There are times when I would like to know the honest views of a few, selectively, whose opinions I respect but whom I don’t know well enough to speak with on very personal terms. A little dose of perspective can be a very good thing. On no account would I be interested in what everyone is saying. I don’t think everyone is talking about me. Most people have an exaggerated notion of how much attention others are actually paying to them. People are much more interested in themselves.

In general I am simply aware that I won’t be to everyone’s taste, and I’m not willing to do what it would take to be more “popular”. The people who are terribly concerned about fitting in and being well liked by everyone generally don’t take very warmly to me (and I usually don’t like them very much). In this regard I feel the same now as I did back when I was in junior high. I enjoy the esteem of those whose opinions matter to me, and that is more than enough.

Those are also the people who will tell me if there is something I ought to work on, and I do.

scamp's avatar

If someone has something to say to or about me, I would rather have them say it to my face.

I saw a bumper sticker that caught my eye and made me laugh that says; “Talking behind my back? While you’re there, kiss my ass.” I found it funny and also true.

Jayne's avatar

@evelyns_pet_zebra; My interpretation of the question was that you would be able to know what people say about you, outside of your presence. Naturally, people talking directly to you would be liable to alter their critiques in either direction. However, the same issue does come up even under the voyeuristic premise of the question, because of people talking shit about you to look good themselves, etc. So, you would have to take everything in context, but I still think the information would be valuable.

As for your second point, it’s all well and good to say that you only care about the opinions of those close to us, but it would be pretty sad existence to lead if you never tried to reach out and bond with the people you meet; and you can’t do that if you aren’t willing to be conscious of the things that might drive them off.

evelyns_pet_zebra's avatar

@Jayne, point taken. I work in a field where my physical presence and appearance is taken as a reflection of the corporation that pays my wages. So I understand what you mean, and I do work at presenting an image that is required of me at work, and that I want to project otherwise.

I think what I wanted to express was that I am not going to be pretentious to please others.

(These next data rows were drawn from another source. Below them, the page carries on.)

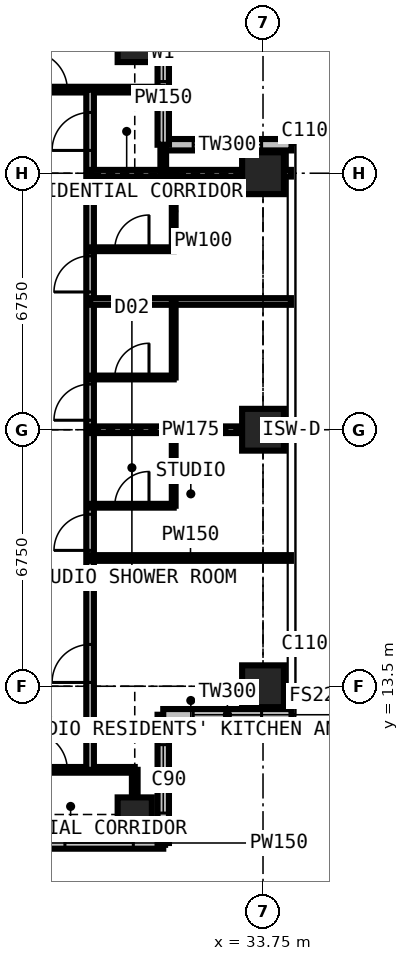
"""IFC4 building model, lengths in metres.
Left out: names, types, materials, properties, quantities, classifications, styles, units other than length and angle.
Written with IfcOpenShell. Run it as: python <this file> out.ifc"""

import sys

from ifc_helpers import new_model, si_unit, direction, frame, frame_2d, origin, origin_2d, place, context, subcontext, project, spatial, rectangle, extrude, element, fill, save


model = new_model("IFC4")
c1 = context("Model", 3, precision=1e-05, world=origin(), true_north=direction((0.0, 1.0)))
c2 = subcontext(c1, "Body", "Model", "MODEL_VIEW")
j1 = project(units=[si_unit("LENGTHUNIT", "METRE"), si_unit("PLANEANGLEUNIT", "RADIAN")], contexts=[c1])
p1 = place(None, origin())
s1 = spatial("IfcSite", under=j1, at=p1, CompositionType="ELEMENT")
p2 = place(p1, origin())
s2 = spatial("IfcBuilding", under=s1, at=p2, CompositionType="ELEMENT")
p3 = place(p2, frame((0.0, 0.0, 211.5)))
s3 = spatial("IfcBuildingStorey", under=s2, at=p3, CompositionType="ELEMENT", Elevation=211.5)
for number, where, z_axis, x_axis in (
    (1, (30.375, 10.125, 0.0), (0.0, 0.0, 1.0), (1.0, 0.0, 0.0)),
    (2, (30.375, 30.375, 0.0), (0.0, 0.0, 1.0), (1.0, 0.0, 0.0)),
):
    element("IfcColumn", number, at=place(p3, frame(where, z_axis=z_axis, x_axis=x_axis)), inside=s3, PredefinedType="COLUMN", context=c2, shape_type="SweptSolid", body=[
        extrude(rectangle(XDim=0.9, YDim=0.9, at=origin_2d()), origin(), (0.0, 0.0, 1.0), 3.6),
    ])
for number, where, z_axis, x_axis in (
    (3, (33.75, 13.5, 0.0), (0.0, 0.0, 1.0), (1.0, 0.0, 0.0)),
    (4, (33.75, 20.25, 0.0), (0.0, 0.0, 1.0), (1.0, 0.0, 0.0)),
    (5, (33.75, 27.0, 0.0), (0.0, 0.0, 1.0), (1.0, 0.0, 0.0)),
):
    element("IfcColumn", number, at=place(p3, frame(where, z_axis=z_axis, x_axis=x_axis)), inside=s3, PredefinedType="COLUMN", context=c2, shape_type="SweptSolid", body=[
        extrude(rectangle(XDim=1.1, YDim=1.1, at=origin_2d()), origin(), (0.0, 0.0, 1.0), 3.6),
    ])
p4 = place(p3, frame((34.5, 27.75, 0.0), z_axis=(0.0, 0.0, 1.0), x_axis=(-1.0, 0.0, 0.0)))
e6 = element("IfcWall", 6, at=p4, inside=s3, PredefinedType="SOLIDWALL", context=c2, shape_type="SweptSolid", body=[
    extrude(rectangle(XDim=3.375, YDim=0.3, at=frame_2d((1.688, 0.0))), origin(), (0.0, 0.0, 1.0), 3.375),
])
p5 = place(p4, frame((0.788, 0.0, 0.6)))
e7 = element("IfcOpeningElement", 7, at=p5, cuts=e6, PredefinedType="OPENING", context=c2, shape_type="SweptSolid", body=[
    extrude(rectangle(XDim=1.8, YDim=2.1, at=frame_2d((0.9, 1.05))), frame((0.0, 0.16, 0.0), z_axis=(0.0, -1.0, 0.0), x_axis=(1.0, 0.0, 0.0)), (0.0, 0.0, 1.0), 0.32),
])
p6 = place(p3, frame((31.125, 27.75, 0.0), z_axis=(0.0, 0.0, 1.0), x_axis=(0.0, 1.0, 0.0)))
e8 = element("IfcWall", 8, at=p6, inside=s3, PredefinedType="SOLIDWALL", context=c2, shape_type="SweptSolid", body=[
    extrude(rectangle(XDim=3.375, YDim=0.3, at=frame_2d((1.688, 0.0))), origin(), (0.0, 0.0, 1.0), 3.375),
])
p7 = place(p6, frame((1.663, 0.0, 0.9)))
e9 = element("IfcOpeningElement", 9, at=p7, cuts=e8, PredefinedType="OPENING", context=c2, shape_type="SweptSolid", body=[
    extrude(rectangle(XDim=1.5, YDim=1.8, at=frame_2d((0.75, 0.9))), frame((0.0, 0.16, 0.0), z_axis=(0.0, -1.0, 0.0), x_axis=(1.0, 0.0, 0.0)), (0.0, 0.0, 1.0), 0.32),
])
p8 = place(p3, frame((27.75, 9.375, 0.0), z_axis=(0.0, 0.0, 1.0), x_axis=(1.0, 0.0, 0.0)))
e10 = element("IfcWall", 10, at=p8, inside=s3, PredefinedType="SOLIDWALL", context=c2, shape_type="SweptSolid", body=[
    extrude(rectangle(XDim=3.375, YDim=0.3, at=frame_2d((1.688, 0.0))), origin(), (0.0, 0.0, 1.0), 3.375),
])
p9 = place(p8, frame((0.788, 0.0, 0.6)))
e11 = element("IfcOpeningElement", 11, at=p9, cuts=e10, PredefinedType="OPENING", context=c2, shape_type="SweptSolid", body=[
    extrude(rectangle(XDim=1.8, YDim=2.1, at=frame_2d((0.9, 1.05))), frame((0.0, 0.16, 0.0), z_axis=(0.0, -1.0, 0.0), x_axis=(1.0, 0.0, 0.0)), (0.0, 0.0, 1.0), 0.32),
])
p10 = place(p3, frame((31.125, 9.375, 0.0), z_axis=(0.0, 0.0, 1.0), x_axis=(0.0, 1.0, 0.0)))
e12 = element("IfcWall", 12, at=p10, inside=s3, PredefinedType="SOLIDWALL", context=c2, shape_type="SweptSolid", body=[
    extrude(rectangle(XDim=3.375, YDim=0.3, at=frame_2d((1.688, 0.0))), origin(), (0.0, 0.0, 1.0), 3.375),
])
p11 = place(p10, frame((0.788, 0.0, 0.6)))
e13 = element("IfcOpeningElement", 13, at=p11, cuts=e12, PredefinedType="OPENING", context=c2, shape_type="SweptSolid", body=[
    extrude(rectangle(XDim=1.8, YDim=2.1, at=frame_2d((0.9, 1.05))), frame((0.0, 0.16, 0.0), z_axis=(0.0, -1.0, 0.0), x_axis=(1.0, 0.0, 0.0)), (0.0, 0.0, 1.0), 0.32),
])
p12 = place(p3, frame((31.125, 12.75, 0.0), z_axis=(0.0, 0.0, 1.0), x_axis=(1.0, 0.0, 0.0)))
e14 = element("IfcWall", 14, at=p12, inside=s3, PredefinedType="SOLIDWALL", context=c2, shape_type="SweptSolid", body=[
    extrude(rectangle(XDim=3.375, YDim=0.3, at=frame_2d((1.688, 0.0))), origin(), (0.0, 0.0, 1.0), 3.375),
])
p13 = place(p12, frame((0.788, 0.0, 0.6)))
e15 = element("IfcOpeningElement", 15, at=p13, cuts=e14, PredefinedType="OPENING", context=c2, shape_type="SweptSolid", body=[
    extrude(rectangle(XDim=1.8, YDim=2.1, at=frame_2d((0.9, 1.05))), frame((0.0, 0.16, 0.0), z_axis=(0.0, -1.0, 0.0), x_axis=(1.0, 0.0, 0.0)), (0.0, 0.0, 1.0), 0.32),
])
p14 = place(p3, frame((11.3, 29.2, 0.0), z_axis=(0.0, 0.0, 1.0), x_axis=(1.0, 0.0, 0.0)))
e16 = element("IfcWall", 16, at=p14, inside=s3, PredefinedType="PARTITIONING", context=c2, shape_type="SweptSolid", body=[
    extrude(rectangle(XDim=19.809, YDim=0.15, at=frame_2d((9.904, 0.0))), origin(), (0.0, 0.0, 1.0), 3.375),
])
p15 = place(p14, frame((16.3, 0.0, 0.0)))
e17 = element("IfcOpeningElement", 17, at=p15, cuts=e16, PredefinedType="OPENING", context=c2, shape_type="SweptSolid", body=[
    extrude(rectangle(XDim=1.0, YDim=2.2, at=frame_2d((0.5, 1.1))), frame((0.0, 0.085, 0.0), z_axis=(0.0, -1.0, 0.0), x_axis=(1.0, 0.0, 0.0)), (0.0, 0.0, 1.0), 0.17),
])
p16 = place(p14, frame((5.825, 0.0, 0.0)))
e18 = element("IfcOpeningElement", 18, at=p16, cuts=e16, PredefinedType="OPENING", context=c2, shape_type="SweptSolid", body=[
    extrude(rectangle(XDim=0.95, YDim=2.2, at=frame_2d((0.475, 1.1))), frame((0.0, 0.085, 0.0), z_axis=(0.0, -1.0, 0.0), x_axis=(1.0, 0.0, 0.0)), (0.0, 0.0, 1.0), 0.17),
])
p17 = place(p14, frame((9.2, 0.0, 0.0)))
e19 = element("IfcOpeningElement", 19, at=p17, cuts=e16, PredefinedType="OPENING", context=c2, shape_type="SweptSolid", body=[
    extrude(rectangle(XDim=0.95, YDim=2.2, at=frame_2d((0.475, 1.1))), frame((0.0, 0.085, 0.0), z_axis=(0.0, -1.0, 0.0), x_axis=(1.0, 0.0, 0.0)), (0.0, 0.0, 1.0), 0.17),
])
p18 = place(p14, frame((12.575, 0.0, 0.0)))
e20 = element("IfcOpeningElement", 20, at=p18, cuts=e16, PredefinedType="OPENING", context=c2, shape_type="SweptSolid", body=[
    extrude(rectangle(XDim=0.95, YDim=2.2, at=frame_2d((0.475, 1.1))), frame((0.0, 0.085, 0.0), z_axis=(0.0, -1.0, 0.0), x_axis=(1.0, 0.0, 0.0)), (0.0, 0.0, 1.0), 0.17),
])
p19 = place(p14, frame((0.6, 0.0, 0.0)))
e21 = element("IfcOpeningElement", 21, at=p19, cuts=e16, PredefinedType="OPENING", context=c2, shape_type="SweptSolid", body=[
    extrude(rectangle(XDim=1.0, YDim=2.2, at=frame_2d((0.5, 1.1))), frame((0.0, 0.085, 0.0), z_axis=(0.0, -1.0, 0.0), x_axis=(1.0, 0.0, 0.0)), (0.0, 0.0, 1.0), 0.17),
])
p20 = place(p3, frame((27.0, 11.3, 0.0), z_axis=(0.0, 0.0, 1.0), x_axis=(1.0, 0.0, 0.0)))
e22 = element("IfcWall", 22, at=p20, inside=s3, PredefinedType="PARTITIONING", context=c2, shape_type="SweptSolid", body=[
    extrude(rectangle(XDim=3.375, YDim=0.15, at=frame_2d((1.688, 0.0))), origin(), (0.0, 0.0, 1.0), 3.375),
])
p21 = place(p20, frame((0.6, 0.0, 0.0)))
e23 = element("IfcOpeningElement", 23, at=p21, cuts=e22, PredefinedType="OPENING", context=c2, shape_type="SweptSolid", body=[
    extrude(rectangle(XDim=1.0, YDim=2.2, at=frame_2d((0.5, 1.1))), frame((0.0, 0.085, 0.0), z_axis=(0.0, -1.0, 0.0), x_axis=(1.0, 0.0, 0.0)), (0.0, 0.0, 1.0), 0.17),
])
p22 = place(p3, frame((29.2, 11.3, 0.0), z_axis=(0.0, 0.0, 1.0), x_axis=(0.0, 1.0, 0.0)))
e24 = element("IfcWall", 24, at=p22, inside=s3, PredefinedType="PARTITIONING", context=c2, shape_type="SweptSolid", body=[
    extrude(rectangle(XDim=17.9, YDim=0.2, at=frame_2d((8.95, 0.0))), origin(), (0.0, 0.0, 1.0), 3.375),
])
p23 = place(p22, frame((2.3, 0.0, 0.0)))
e25 = element("IfcOpeningElement", 25, at=p23, cuts=e24, PredefinedType="OPENING", context=c2, shape_type="SweptSolid", body=[
    extrude(rectangle(XDim=1.0, YDim=2.2, at=frame_2d((0.5, 1.1))), frame((0.0, 0.11, 0.0), z_axis=(0.0, -1.0, 0.0), x_axis=(1.0, 0.0, 0.0)), (0.0, 0.0, 1.0), 0.22),
])
p24 = place(p22, frame((5.775, 0.0, 0.0)))
e26 = element("IfcOpeningElement", 26, at=p24, cuts=e24, PredefinedType="OPENING", context=c2, shape_type="SweptSolid", body=[
    extrude(rectangle(XDim=0.95, YDim=2.2, at=frame_2d((0.475, 1.1))), frame((0.0, 0.11, 0.0), z_axis=(0.0, -1.0, 0.0), x_axis=(1.0, 0.0, 0.0)), (0.0, 0.0, 1.0), 0.22),
])
p25 = place(p22, frame((9.2, 0.0, 0.0)))
e27 = element("IfcOpeningElement", 27, at=p25, cuts=e24, PredefinedType="OPENING", context=c2, shape_type="SweptSolid", body=[
    extrude(rectangle(XDim=0.95, YDim=2.2, at=frame_2d((0.475, 1.1))), frame((0.0, 0.11, 0.0), z_axis=(0.0, -1.0, 0.0), x_axis=(1.0, 0.0, 0.0)), (0.0, 0.0, 1.0), 0.22),
])
p26 = place(p22, frame((12.575, 0.0, 0.0)))
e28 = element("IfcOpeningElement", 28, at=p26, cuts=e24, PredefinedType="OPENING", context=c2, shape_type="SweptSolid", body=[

To steal some words from @Jeruba, who said it much more succinct than I did – In general I am simply aware that I won’t be to everyone’s taste, and I’m not willing to do what it would take to be more “popular”. The people who are terribly concerned about fitting in and being well liked by everyone generally don’t take very warmly to me (and I usually don’t like them very much). In this regard I feel the same now as I did back when I was in junior high. I enjoy the esteem of those whose opinions matter to me, and that is more than enough.

Simone_De_Beauvoir's avatar

I can predict what has been and will be said about me – I’ve heard it all too much, people are plenty predictable – to them I am intimidating, to them I am brazen and arrogant and too effective at what I do and will never just let the little things go (xcept they are not little things, to me), etc. etc.

So no I wouldn’t want to know
it’d be so redundant

wundayatta's avatar

I’d want to know. The people who said critical things about me wouldn’t surprise me. I’d expect that. It’s the people who said nice things, if there were any, who would surprise me. It is my feeling that almost no one ever says nice things about me. This goes against the evidence, which suggests that probably a few people say nice things about me, but on some deep fundamental level, I assume that if I don’t hear anything, it’s because no one is saying anything good.

My parents always said, “if you don’t have anything nice to say, don’t say anything at all.” I know that when I don’t say anything, it’s because I don’t have anything nice to say. So I assume that’s the case for most other people. Still, even though it would hurt, it would be nice to get that idea confirmed. And if it weren’t true, it would be even better to get it disconfirmed.